Notice the different syntax in automountInformation.

This setup works for me, but it also took me ages to get it to work. You might want to look at the sample files provided by the autofs package if you haven't already done so.

----------

## zuki

Thank you. That works with gentoo.

But what the hell.....

with SuSE Linux this example doesnt work. Why they cant be in the same way?

Thats the way SuSE like it:

automountInformation: ldap ldap-server.example.com:ou=auto.home,dc=example,dc=com

And thats the way gentoo loves it:

automountInformation: ldap://ldap-server.example.com/ou=auto.home,dc=example,dc=com

Thank you for your help.
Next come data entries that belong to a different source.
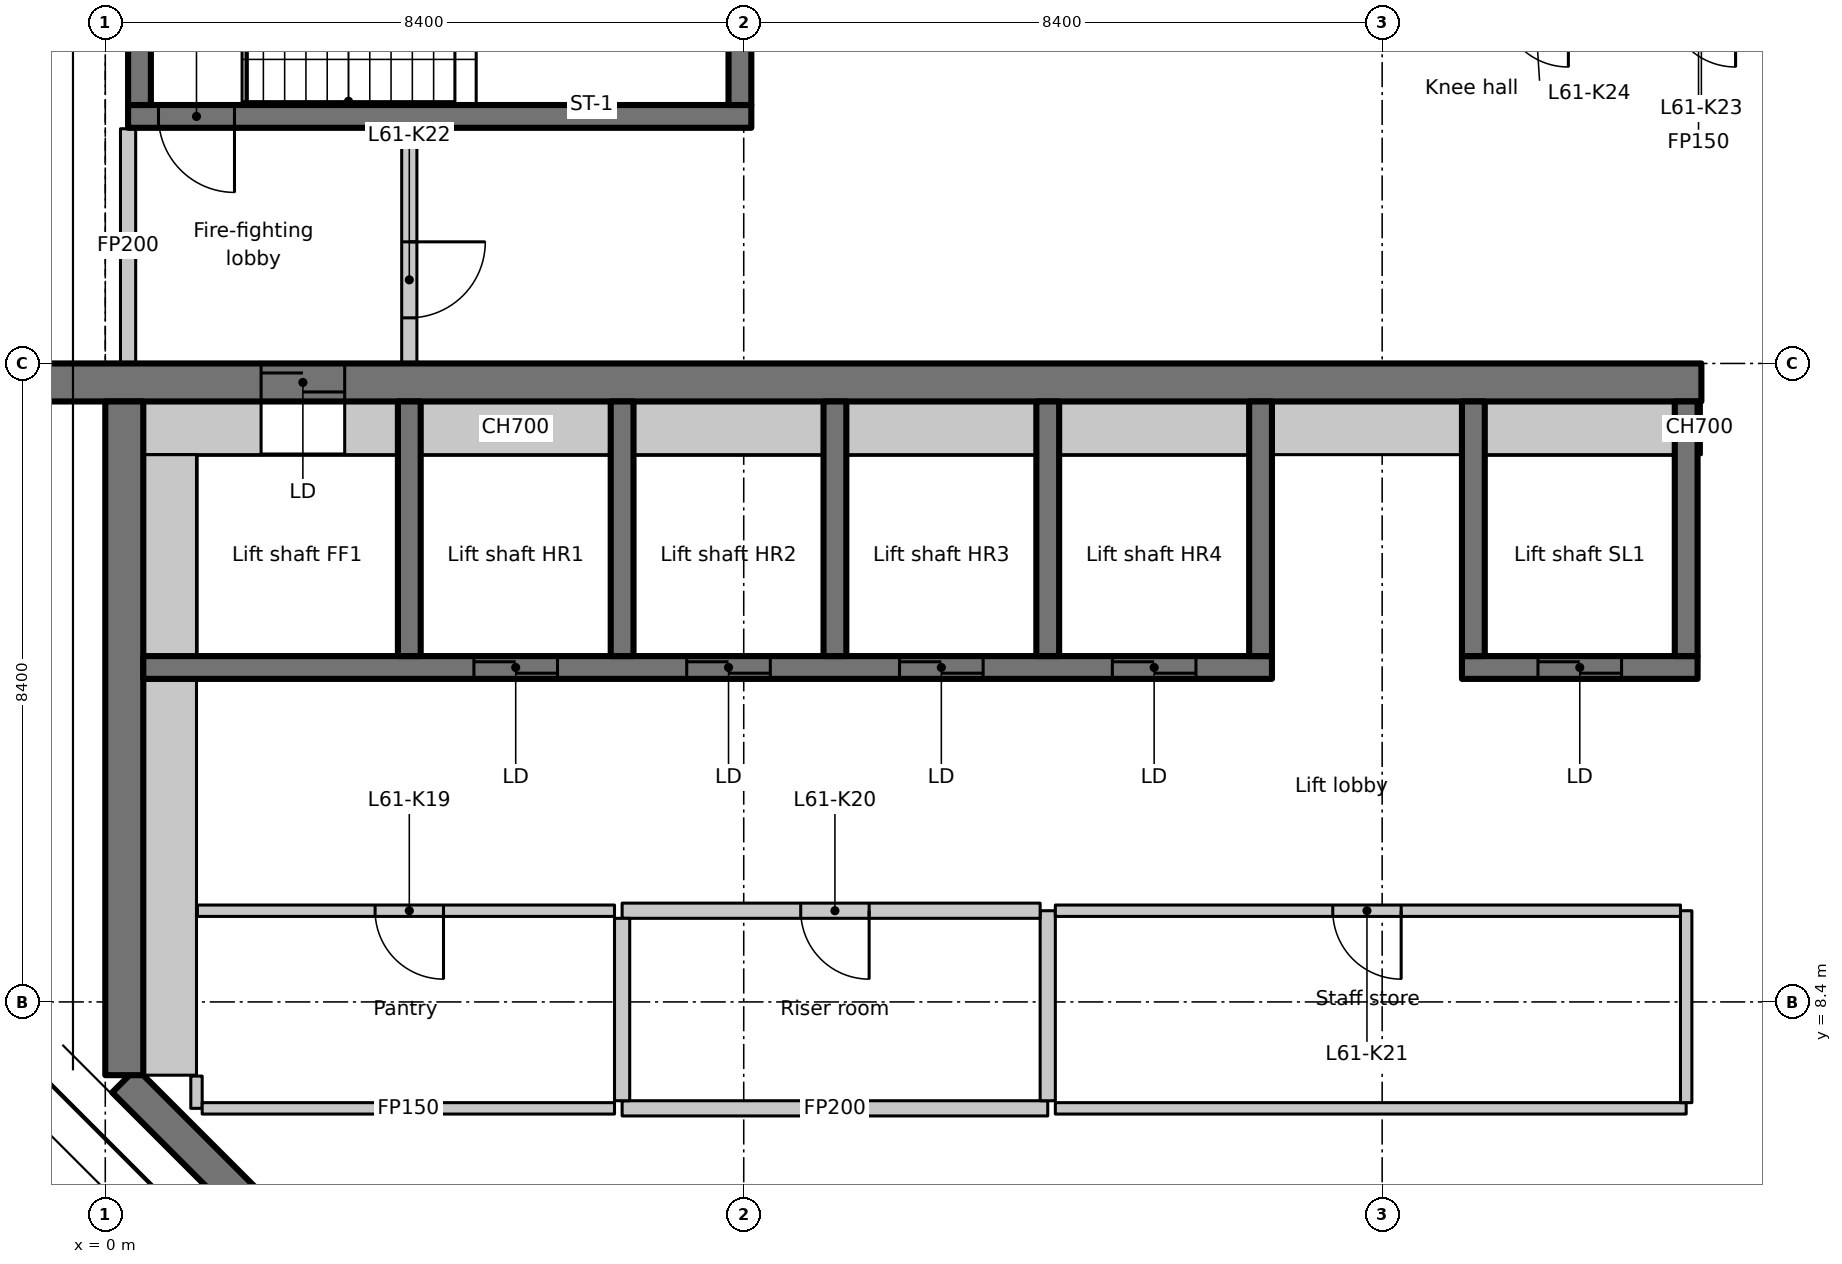
"""IFC4 building model, lengths in metres.
Left out: names, types, materials, properties, quantities, classifications, styles, units other than length and angle.
Written with IfcOpenShell. Run it as: python <this file> out.ifc"""

import sys

from ifc_helpers import new_model, si_unit, direction, frame, frame_2d, origin, place, context, subcontext, project, spatial, rectangle, extrude, element, fill, save


model = new_model("IFC4")
c1 = context("Model", 3, precision=1e-05, world=origin(), true_north=direction((0.0, 1.0)))
c2 = subcontext(c1, "Body", "Model", "MODEL_VIEW")
j1 = project(units=[si_unit("LENGTHUNIT", "METRE"), si_unit("PLANEANGLEUNIT", "RADIAN")], contexts=[c1])
p1 = place(None, origin())
s1 = spatial("IfcSite", under=j1, at=p1, CompositionType="ELEMENT")
p2 = place(p1, origin())
s2 = spatial("IfcBuilding", under=s1, at=p2, CompositionType="ELEMENT")
p3 = place(p2, frame((0.0, 0.0, 240.9)))
s3 = spatial("IfcBuildingStorey", under=s2, at=p3, CompositionType="ELEMENT", Elevation=240.9)
p4 = place(p3, frame((0.25, 7.368, 0.0), z_axis=(0.0, 0.0, 1.0), x_axis=(0.707106781187, -0.707106781187, 0.0)))
e1 = element("IfcWall", 1, at=p4, inside=s3, PredefinedType="SHEAR", context=c2, shape_type="SweptSolid", body=[
    extrude(rectangle(XDim=10.067, YDim=0.45, at=frame_2d((5.033, 0.0))), origin(), (0.0, 0.0, 1.0), 3.35),
])
p5 = place(p3, frame((-1.1, 16.55, 0.0), z_axis=(0.0, 0.0, 1.0), x_axis=(1.0, 0.0, 0.0)))
e2 = element("IfcWall", 2, at=p5, inside=s3, PredefinedType="SHEAR", context=c2, shape_type="SweptSolid", body=[
    extrude(rectangle(XDim=22.1, YDim=0.5, at=frame_2d((11.05, 0.0))), origin(), (0.0, 0.0, 1.0), 3.35),
])
p6 = place(p5, frame((3.15, 0.0, 0.0)))
e3 = element("IfcOpeningElement", 3, at=p6, cuts=e2, PredefinedType="OPENING", context=c2, shape_type="SweptSolid", body=[
    extrude(rectangle(XDim=1.1, YDim=2.3, at=frame_2d((0.55, 1.15))), frame((0.0, 0.26, 0.0), z_axis=(0.0, -1.0, 0.0), x_axis=(1.0, 0.0, 0.0)), (0.0, 0.0, 1.0), 0.52),
])
p7 = place(p3, frame((0.25, 7.436, 0.0), z_axis=(0.0, 0.0, 1.0), x_axis=(0.0, 1.0, 0.0)))
e4 = element("IfcWall", 4, at=p7, inside=s3, PredefinedType="SHEAR", context=c2, shape_type="SweptSolid", body=[
    extrude(rectangle(XDim=8.864, YDim=0.5, at=frame_2d((4.432, 0.0))), origin(), (0.0, 0.0, 1.0), 3.35),
])
p8 = place(p3, frame((0.5, 15.95, 0.0), z_axis=(0.0, 0.0, 1.0), x_axis=(1.0, 0.0, 0.0)))
e5 = element("IfcWall", 5, at=p8, inside=s3, PredefinedType="PARTITIONING", context=c2, shape_type="SweptSolid", body=[
    extrude(rectangle(XDim=1.55, YDim=0.7, at=frame_2d((0.775, 0.0))), origin(), (0.0, 0.0, 1.0), 3.35),
])
p9 = place(p3, frame((0.5, 12.8, 0.0), z_axis=(0.0, 0.0, 1.0), x_axis=(1.0, 0.0, 0.0)))
e6 = element("IfcWall", 6, at=p9, inside=s3, PredefinedType="SHEAR", context=c2, shape_type="SweptSolid", body=[
    extrude(rectangle(XDim=14.85, YDim=0.3, at=frame_2d((7.425, 0.0))), origin(), (0.0, 0.0, 1.0), 3.35),
])
p10 = place(p9, frame((4.35, 0.0, 0.0)))
e7 = element("IfcOpeningElement", 7, at=p10, cuts=e6, PredefinedType="OPENING", context=c2, shape_type="SweptSolid", body=[
    extrude(rectangle(XDim=1.1, YDim=2.3, at=frame_2d((0.55, 1.15))), frame((0.0, 0.16, 0.0), z_axis=(0.0, -1.0, 0.0), x_axis=(1.0, 0.0, 0.0)), (0.0, 0.0, 1.0), 0.32),
])
p11 = place(p9, frame((7.15, 0.0, 0.0)))
e8 = element("IfcOpeningElement", 8, at=p11, cuts=e6, PredefinedType="OPENING", context=c2, shape_type="SweptSolid", body=[
    extrude(rectangle(XDim=1.1, YDim=2.3, at=frame_2d((0.55, 1.15))), frame((0.0, 0.16, 0.0), z_axis=(0.0, -1.0, 0.0), x_axis=(1.0, 0.0, 0.0)), (0.0, 0.0, 1.0), 0.32),
])
p12 = place(p9, frame((9.95, 0.0, 0.0)))
e9 = element("IfcOpeningElement", 9, at=p12, cuts=e6, PredefinedType="OPENING", context=c2, shape_type="SweptSolid", body=[
    extrude(rectangle(XDim=1.1, YDim=2.3, at=frame_2d((0.55, 1.15))), frame((0.0, 0.16, 0.0), z_axis=(0.0, -1.0, 0.0), x_axis=(1.0, 0.0, 0.0)), (0.0, 0.0, 1.0), 0.32),
])
p13 = place(p9, frame((12.75, 0.0, 0.0)))
e10 = element("IfcOpeningElement", 10, at=p13, cuts=e6, PredefinedType="OPENING", context=c2, shape_type="SweptSolid", body=[
    extrude(rectangle(XDim=1.1, YDim=2.3, at=frame_2d((0.55, 1.15))), frame((0.0, 0.16, 0.0), z_axis=(0.0, -1.0, 0.0), x_axis=(1.0, 0.0, 0.0)), (0.0, 0.0, 1.0), 0.32),
])
for number, where, z_axis, x_axis in (
    (11, (4.0, 12.95, 0.0), (0.0, 0.0, 1.0), (0.0, 1.0, 0.0)),
    (12, (6.8, 12.95, 0.0), (0.0, 0.0, 1.0), (0.0, 1.0, 0.0)),
    (13, (9.6, 12.95, 0.0), (0.0, 0.0, 1.0), (0.0, 1.0, 0.0)),
    (14, (12.4, 12.95, 0.0), (0.0, 0.0, 1.0), (0.0, 1.0, 0.0)),
    (15, (15.2, 12.95, 0.0), (0.0, 0.0, 1.0), (0.0, 1.0, 0.0)),
):
    element("IfcWall", number, at=place(p3, frame(where, z_axis=z_axis, x_axis=x_axis)), inside=s3, PredefinedType="SHEAR", context=c2, shape_type="SweptSolid", body=[
        extrude(rectangle(XDim=3.35, YDim=0.3, at=frame_2d((1.675, 0.0))), origin(), (0.0, 0.0, 1.0), 3.35),
    ])
p14 = place(p3, frame((17.85, 12.8, 0.0), z_axis=(0.0, 0.0, 1.0), x_axis=(1.0, 0.0, 0.0)))
e16 = element("IfcWall", 16, at=p14, inside=s3, PredefinedType="SHEAR", context=c2, shape_type="SweptSolid", body=[
    extrude(rectangle(XDim=3.1, YDim=0.3, at=frame_2d((1.55, 0.0))), origin(), (0.0, 0.0, 1.0), 3.35),
])
p15 = place(p14, frame((1.0, 0.0, 0.0)))
e17 = element("IfcOpeningElement", 17, at=p15, cuts=e16, PredefinedType="OPENING", context=c2, shape_type="SweptSolid", body=[
    extrude(rectangle(XDim=1.1, YDim=2.3, at=frame_2d((0.55, 1.15))), frame((0.0, 0.16, 0.0), z_axis=(0.0, -1.0, 0.0), x_axis=(1.0, 0.0, 0.0)), (0.0, 0.0, 1.0), 0.32),
])
for number, where, z_axis, x_axis in (
    (18, (18.0, 12.95, 0.0), (0.0, 0.0, 1.0), (0.0, 1.0, 0.0)),
    (19, (20.8, 12.95, 0.0), (0.0, 0.0, 1.0), (0.0, 1.0, 0.0)),
):
    element("IfcWall", number, at=place(p3, frame(where, z_axis=z_axis, x_axis=x_axis)), inside=s3, PredefinedType="SHEAR", context=c2, shape_type="SweptSolid", body=[
        extrude(rectangle(XDim=3.35, YDim=0.3, at=frame_2d((1.675, 0.0))), origin(), (0.0, 0.0, 1.0), 3.35),
    ])
p16 = place(p3, frame((8.5, 20.05, 0.0), z_axis=(0.0, 0.0, 1.0), x_axis=(-1.0, 0.0, 0.0)))
e20 = element("IfcWall", 20, at=p16, inside=s3, PredefinedType="SHEAR", context=c2, shape_type="SweptSolid", body=[
    extrude(rectangle(XDim=8.2, YDim=0.3, at=frame_2d((4.1, 0.0))), origin(), (0.0, 0.0, 1.0), 3.35),
])
p17 = place(p16, frame((6.8, 0.0, 0.0)))
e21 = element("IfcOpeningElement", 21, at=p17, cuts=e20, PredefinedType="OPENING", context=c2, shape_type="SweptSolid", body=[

So I have to provide 2 different maps in ldap !?!?!....

.... thank you.

----------

## zuki

And debian:

ldap:hostname:ou=auto.share,dc.....

So it is a nice way to integrate differnent linux´z in one network with the same maps.... And if you have differnt maps all the wrong maps in ldap will produce a lot of errors in syslog......

What the hell? Is every distribution fight against the others? Just like: "If we are in one room please dont talk to me!".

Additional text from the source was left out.